昭和47年7月5日~昭和49年12月4日

田中角栄総裁時代

佐藤長期安定政権のあとをついで、昭和四十七年七月五日、若さに満ち、清新はつらつとした田中角栄氏が歴代総裁中最も若い五十四歳で第六代総裁に選任され、田中新内閣がスタートしました。

田中首相は、複雑化の様相を強めてきた内外情勢に果断に対処するため、「決断と実行の政治」を政治運営の基本スローガンに掲げました。また政策的には、急激な高度成長によってもたらされた過密・過疎、公害、環境破壊等を克服して、日本全国をつり合いのとれた、豊かな国土にすることを目ざした「日本列島改造論」という大構想を国民に提示して、新内閣の組閣と同時に、きわめて意欲的に田中政治の展開に取り組んだのでした。
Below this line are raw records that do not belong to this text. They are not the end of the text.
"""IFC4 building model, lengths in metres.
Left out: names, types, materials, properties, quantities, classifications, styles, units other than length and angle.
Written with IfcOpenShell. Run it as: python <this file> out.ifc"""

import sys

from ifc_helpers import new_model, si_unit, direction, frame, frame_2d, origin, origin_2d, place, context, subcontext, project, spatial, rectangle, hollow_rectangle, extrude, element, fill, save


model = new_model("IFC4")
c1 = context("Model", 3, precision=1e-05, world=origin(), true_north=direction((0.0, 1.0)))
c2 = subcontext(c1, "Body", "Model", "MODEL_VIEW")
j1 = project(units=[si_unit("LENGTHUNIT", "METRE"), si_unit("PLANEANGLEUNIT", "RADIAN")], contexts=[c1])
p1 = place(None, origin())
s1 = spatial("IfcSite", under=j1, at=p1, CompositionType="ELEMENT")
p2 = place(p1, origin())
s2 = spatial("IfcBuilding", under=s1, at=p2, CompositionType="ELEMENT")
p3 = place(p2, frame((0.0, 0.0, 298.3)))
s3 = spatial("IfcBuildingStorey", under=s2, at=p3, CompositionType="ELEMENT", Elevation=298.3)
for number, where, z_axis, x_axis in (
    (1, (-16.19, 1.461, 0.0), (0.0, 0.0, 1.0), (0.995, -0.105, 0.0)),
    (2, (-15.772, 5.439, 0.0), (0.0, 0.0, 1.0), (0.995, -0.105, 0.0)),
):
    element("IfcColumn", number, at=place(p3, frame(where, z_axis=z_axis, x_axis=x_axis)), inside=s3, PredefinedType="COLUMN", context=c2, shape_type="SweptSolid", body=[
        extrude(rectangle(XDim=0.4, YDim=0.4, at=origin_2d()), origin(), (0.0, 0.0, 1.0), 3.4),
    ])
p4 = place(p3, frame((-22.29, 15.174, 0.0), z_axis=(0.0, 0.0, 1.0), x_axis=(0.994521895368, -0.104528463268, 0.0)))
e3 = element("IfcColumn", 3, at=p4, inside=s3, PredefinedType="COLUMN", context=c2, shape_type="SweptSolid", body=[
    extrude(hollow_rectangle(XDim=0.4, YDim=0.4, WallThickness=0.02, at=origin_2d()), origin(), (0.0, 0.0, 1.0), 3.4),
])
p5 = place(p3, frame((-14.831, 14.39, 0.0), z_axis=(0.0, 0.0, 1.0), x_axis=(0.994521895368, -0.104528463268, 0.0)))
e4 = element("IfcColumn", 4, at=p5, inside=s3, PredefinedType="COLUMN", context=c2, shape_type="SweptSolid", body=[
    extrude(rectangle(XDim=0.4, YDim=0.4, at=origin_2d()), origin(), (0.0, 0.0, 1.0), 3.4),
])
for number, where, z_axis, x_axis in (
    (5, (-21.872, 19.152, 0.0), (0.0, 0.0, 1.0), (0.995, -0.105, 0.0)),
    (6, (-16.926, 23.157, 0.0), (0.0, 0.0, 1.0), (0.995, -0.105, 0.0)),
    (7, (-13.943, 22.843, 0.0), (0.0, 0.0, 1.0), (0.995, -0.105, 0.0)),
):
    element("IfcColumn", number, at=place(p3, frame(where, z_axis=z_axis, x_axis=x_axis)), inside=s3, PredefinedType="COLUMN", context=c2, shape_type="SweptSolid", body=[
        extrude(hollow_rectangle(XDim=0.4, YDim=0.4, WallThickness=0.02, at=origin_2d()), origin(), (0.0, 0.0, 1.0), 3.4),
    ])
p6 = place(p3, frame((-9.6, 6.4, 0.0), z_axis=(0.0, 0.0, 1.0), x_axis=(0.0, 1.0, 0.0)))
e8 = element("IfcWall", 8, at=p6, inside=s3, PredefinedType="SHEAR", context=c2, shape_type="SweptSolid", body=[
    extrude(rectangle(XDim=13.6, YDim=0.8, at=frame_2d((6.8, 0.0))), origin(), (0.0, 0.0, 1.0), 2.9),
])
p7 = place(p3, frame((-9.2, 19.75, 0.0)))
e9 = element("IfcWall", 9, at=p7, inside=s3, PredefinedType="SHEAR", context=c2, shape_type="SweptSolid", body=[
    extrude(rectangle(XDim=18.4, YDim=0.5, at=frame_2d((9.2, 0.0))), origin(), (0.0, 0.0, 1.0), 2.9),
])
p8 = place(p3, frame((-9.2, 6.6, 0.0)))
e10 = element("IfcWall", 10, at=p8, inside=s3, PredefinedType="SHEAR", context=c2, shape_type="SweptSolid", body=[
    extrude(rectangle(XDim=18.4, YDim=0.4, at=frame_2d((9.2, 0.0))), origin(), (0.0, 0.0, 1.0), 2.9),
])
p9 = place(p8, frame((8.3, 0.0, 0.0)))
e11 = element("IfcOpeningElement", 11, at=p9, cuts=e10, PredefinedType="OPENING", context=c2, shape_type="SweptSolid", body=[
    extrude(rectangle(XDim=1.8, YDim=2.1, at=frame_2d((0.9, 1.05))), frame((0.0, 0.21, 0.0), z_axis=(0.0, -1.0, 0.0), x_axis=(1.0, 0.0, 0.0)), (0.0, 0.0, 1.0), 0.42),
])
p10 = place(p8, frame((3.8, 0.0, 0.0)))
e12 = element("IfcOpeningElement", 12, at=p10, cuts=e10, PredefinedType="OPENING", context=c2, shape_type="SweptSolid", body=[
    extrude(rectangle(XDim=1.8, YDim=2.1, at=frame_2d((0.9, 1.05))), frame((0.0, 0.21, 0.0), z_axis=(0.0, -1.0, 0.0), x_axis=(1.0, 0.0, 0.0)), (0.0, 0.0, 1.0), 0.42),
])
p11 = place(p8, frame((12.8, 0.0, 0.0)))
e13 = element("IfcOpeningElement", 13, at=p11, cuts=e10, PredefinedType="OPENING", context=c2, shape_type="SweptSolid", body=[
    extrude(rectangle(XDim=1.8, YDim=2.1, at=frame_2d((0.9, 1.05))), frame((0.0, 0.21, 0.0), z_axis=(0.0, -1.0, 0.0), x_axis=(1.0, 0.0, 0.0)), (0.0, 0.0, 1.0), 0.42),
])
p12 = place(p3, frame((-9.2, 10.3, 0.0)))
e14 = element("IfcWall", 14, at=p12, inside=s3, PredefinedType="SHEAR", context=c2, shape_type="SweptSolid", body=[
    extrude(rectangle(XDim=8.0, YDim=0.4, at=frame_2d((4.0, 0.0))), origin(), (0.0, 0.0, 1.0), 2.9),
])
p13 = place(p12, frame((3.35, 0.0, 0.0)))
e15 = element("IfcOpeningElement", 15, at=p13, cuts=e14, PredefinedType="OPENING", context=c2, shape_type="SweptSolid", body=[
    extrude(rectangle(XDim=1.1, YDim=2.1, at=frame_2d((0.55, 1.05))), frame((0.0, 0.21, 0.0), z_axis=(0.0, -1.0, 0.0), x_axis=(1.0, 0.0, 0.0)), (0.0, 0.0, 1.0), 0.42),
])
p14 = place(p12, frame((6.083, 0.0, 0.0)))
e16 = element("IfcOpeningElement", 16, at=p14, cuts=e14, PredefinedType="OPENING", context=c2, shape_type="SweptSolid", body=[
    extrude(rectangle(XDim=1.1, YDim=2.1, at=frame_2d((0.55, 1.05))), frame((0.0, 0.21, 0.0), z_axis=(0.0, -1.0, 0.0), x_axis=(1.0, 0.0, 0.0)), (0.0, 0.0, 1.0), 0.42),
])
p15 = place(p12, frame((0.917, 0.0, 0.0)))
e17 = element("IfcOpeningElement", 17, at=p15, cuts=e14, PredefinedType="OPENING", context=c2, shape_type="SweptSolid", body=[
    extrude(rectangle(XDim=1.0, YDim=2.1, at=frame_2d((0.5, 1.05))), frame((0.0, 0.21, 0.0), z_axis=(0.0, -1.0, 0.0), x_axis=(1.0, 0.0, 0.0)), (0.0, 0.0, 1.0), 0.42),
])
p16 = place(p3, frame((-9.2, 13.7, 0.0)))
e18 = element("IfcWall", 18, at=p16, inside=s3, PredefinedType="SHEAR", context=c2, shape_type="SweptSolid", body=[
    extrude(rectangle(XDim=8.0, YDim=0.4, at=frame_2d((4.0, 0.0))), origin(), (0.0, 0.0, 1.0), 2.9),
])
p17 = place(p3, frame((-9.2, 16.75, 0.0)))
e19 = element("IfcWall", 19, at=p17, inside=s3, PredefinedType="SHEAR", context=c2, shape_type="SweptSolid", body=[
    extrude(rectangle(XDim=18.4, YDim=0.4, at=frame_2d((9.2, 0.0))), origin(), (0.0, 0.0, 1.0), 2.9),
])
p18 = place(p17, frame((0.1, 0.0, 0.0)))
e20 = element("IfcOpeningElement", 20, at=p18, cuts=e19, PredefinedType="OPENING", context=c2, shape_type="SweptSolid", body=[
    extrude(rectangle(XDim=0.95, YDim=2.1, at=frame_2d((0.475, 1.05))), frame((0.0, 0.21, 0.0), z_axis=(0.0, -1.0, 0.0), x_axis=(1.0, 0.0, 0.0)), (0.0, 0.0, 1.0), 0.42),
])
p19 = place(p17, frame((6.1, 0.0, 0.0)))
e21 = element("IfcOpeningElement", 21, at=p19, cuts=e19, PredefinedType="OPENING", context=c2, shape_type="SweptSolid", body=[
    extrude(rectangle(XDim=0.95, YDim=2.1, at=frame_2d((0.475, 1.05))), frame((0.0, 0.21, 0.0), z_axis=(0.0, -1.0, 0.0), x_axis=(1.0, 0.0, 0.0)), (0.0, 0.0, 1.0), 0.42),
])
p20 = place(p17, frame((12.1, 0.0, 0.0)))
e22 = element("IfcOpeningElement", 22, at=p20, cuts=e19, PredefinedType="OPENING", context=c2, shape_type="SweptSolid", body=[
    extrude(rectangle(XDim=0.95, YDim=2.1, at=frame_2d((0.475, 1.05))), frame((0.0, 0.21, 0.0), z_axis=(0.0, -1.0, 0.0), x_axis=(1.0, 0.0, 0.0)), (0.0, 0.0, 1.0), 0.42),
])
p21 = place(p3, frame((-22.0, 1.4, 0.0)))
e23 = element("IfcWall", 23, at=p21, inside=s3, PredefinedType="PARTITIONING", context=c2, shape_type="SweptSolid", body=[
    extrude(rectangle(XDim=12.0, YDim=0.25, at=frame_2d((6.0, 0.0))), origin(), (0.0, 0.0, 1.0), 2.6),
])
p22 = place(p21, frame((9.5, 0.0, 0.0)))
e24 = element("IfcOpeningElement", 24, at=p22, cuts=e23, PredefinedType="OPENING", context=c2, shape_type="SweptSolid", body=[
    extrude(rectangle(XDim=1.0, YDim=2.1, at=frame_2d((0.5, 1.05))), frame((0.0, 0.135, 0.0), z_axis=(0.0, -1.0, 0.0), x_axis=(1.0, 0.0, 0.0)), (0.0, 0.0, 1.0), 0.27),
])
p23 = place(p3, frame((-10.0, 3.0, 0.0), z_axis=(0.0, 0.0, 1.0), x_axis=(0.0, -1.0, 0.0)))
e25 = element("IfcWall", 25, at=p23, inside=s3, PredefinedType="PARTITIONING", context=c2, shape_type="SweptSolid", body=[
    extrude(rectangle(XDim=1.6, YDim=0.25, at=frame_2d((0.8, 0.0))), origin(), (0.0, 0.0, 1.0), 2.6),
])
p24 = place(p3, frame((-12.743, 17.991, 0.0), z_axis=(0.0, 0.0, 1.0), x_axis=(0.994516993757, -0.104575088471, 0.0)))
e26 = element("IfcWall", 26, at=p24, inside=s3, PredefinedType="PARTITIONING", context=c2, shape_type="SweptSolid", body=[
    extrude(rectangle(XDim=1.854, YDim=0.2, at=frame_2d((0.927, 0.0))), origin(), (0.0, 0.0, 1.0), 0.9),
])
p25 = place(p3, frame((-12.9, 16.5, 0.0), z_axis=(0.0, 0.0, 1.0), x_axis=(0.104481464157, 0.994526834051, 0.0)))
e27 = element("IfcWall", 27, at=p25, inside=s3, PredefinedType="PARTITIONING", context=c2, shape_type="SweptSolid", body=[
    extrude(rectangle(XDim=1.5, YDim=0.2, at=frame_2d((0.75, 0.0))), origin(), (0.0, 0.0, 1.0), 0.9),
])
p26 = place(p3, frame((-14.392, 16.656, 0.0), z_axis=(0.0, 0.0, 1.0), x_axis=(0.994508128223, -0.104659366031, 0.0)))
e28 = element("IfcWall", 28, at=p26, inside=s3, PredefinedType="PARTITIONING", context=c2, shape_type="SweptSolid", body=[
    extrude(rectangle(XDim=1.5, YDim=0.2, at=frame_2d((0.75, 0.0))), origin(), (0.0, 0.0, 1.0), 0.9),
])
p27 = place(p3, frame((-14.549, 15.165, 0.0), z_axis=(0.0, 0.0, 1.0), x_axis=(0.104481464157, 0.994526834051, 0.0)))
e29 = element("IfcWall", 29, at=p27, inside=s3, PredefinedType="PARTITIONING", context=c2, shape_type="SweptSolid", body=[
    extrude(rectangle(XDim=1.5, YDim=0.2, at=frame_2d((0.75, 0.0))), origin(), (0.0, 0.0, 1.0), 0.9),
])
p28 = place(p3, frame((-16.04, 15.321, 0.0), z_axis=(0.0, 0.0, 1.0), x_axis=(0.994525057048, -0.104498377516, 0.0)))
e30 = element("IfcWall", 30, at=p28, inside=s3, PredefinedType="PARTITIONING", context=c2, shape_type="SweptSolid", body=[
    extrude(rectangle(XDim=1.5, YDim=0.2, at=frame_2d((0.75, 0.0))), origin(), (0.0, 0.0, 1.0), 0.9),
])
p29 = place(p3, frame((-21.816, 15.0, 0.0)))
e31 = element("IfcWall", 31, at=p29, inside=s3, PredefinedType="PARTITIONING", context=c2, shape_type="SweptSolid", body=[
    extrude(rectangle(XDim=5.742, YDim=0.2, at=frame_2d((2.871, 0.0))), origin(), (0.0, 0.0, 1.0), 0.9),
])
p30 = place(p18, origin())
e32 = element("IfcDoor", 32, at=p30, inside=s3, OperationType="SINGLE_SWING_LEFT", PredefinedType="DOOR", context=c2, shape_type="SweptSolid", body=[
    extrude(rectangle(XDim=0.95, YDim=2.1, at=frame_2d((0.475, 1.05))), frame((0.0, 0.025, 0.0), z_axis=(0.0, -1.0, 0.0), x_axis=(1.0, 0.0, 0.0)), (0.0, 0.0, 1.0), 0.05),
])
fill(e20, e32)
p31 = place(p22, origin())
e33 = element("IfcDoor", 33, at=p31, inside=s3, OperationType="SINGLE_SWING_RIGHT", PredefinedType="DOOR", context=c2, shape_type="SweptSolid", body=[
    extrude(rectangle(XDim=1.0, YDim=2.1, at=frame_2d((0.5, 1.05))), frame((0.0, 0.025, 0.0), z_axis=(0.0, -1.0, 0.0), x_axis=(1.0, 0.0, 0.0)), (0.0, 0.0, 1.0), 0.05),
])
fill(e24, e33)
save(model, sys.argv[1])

田中内閣が、まず第一に着手した重要政治課題は、日中国交正常化問題でした。これは佐藤内閣時代の四十六年十月の中国の国連加盟、台湾中華民国政府の国連離脱、四十七年二月のニクソン米大統領の訪中実現という新事態をうけて、戦後日本外交の歴史的大転換を目ざす画期的な大事業だったのです。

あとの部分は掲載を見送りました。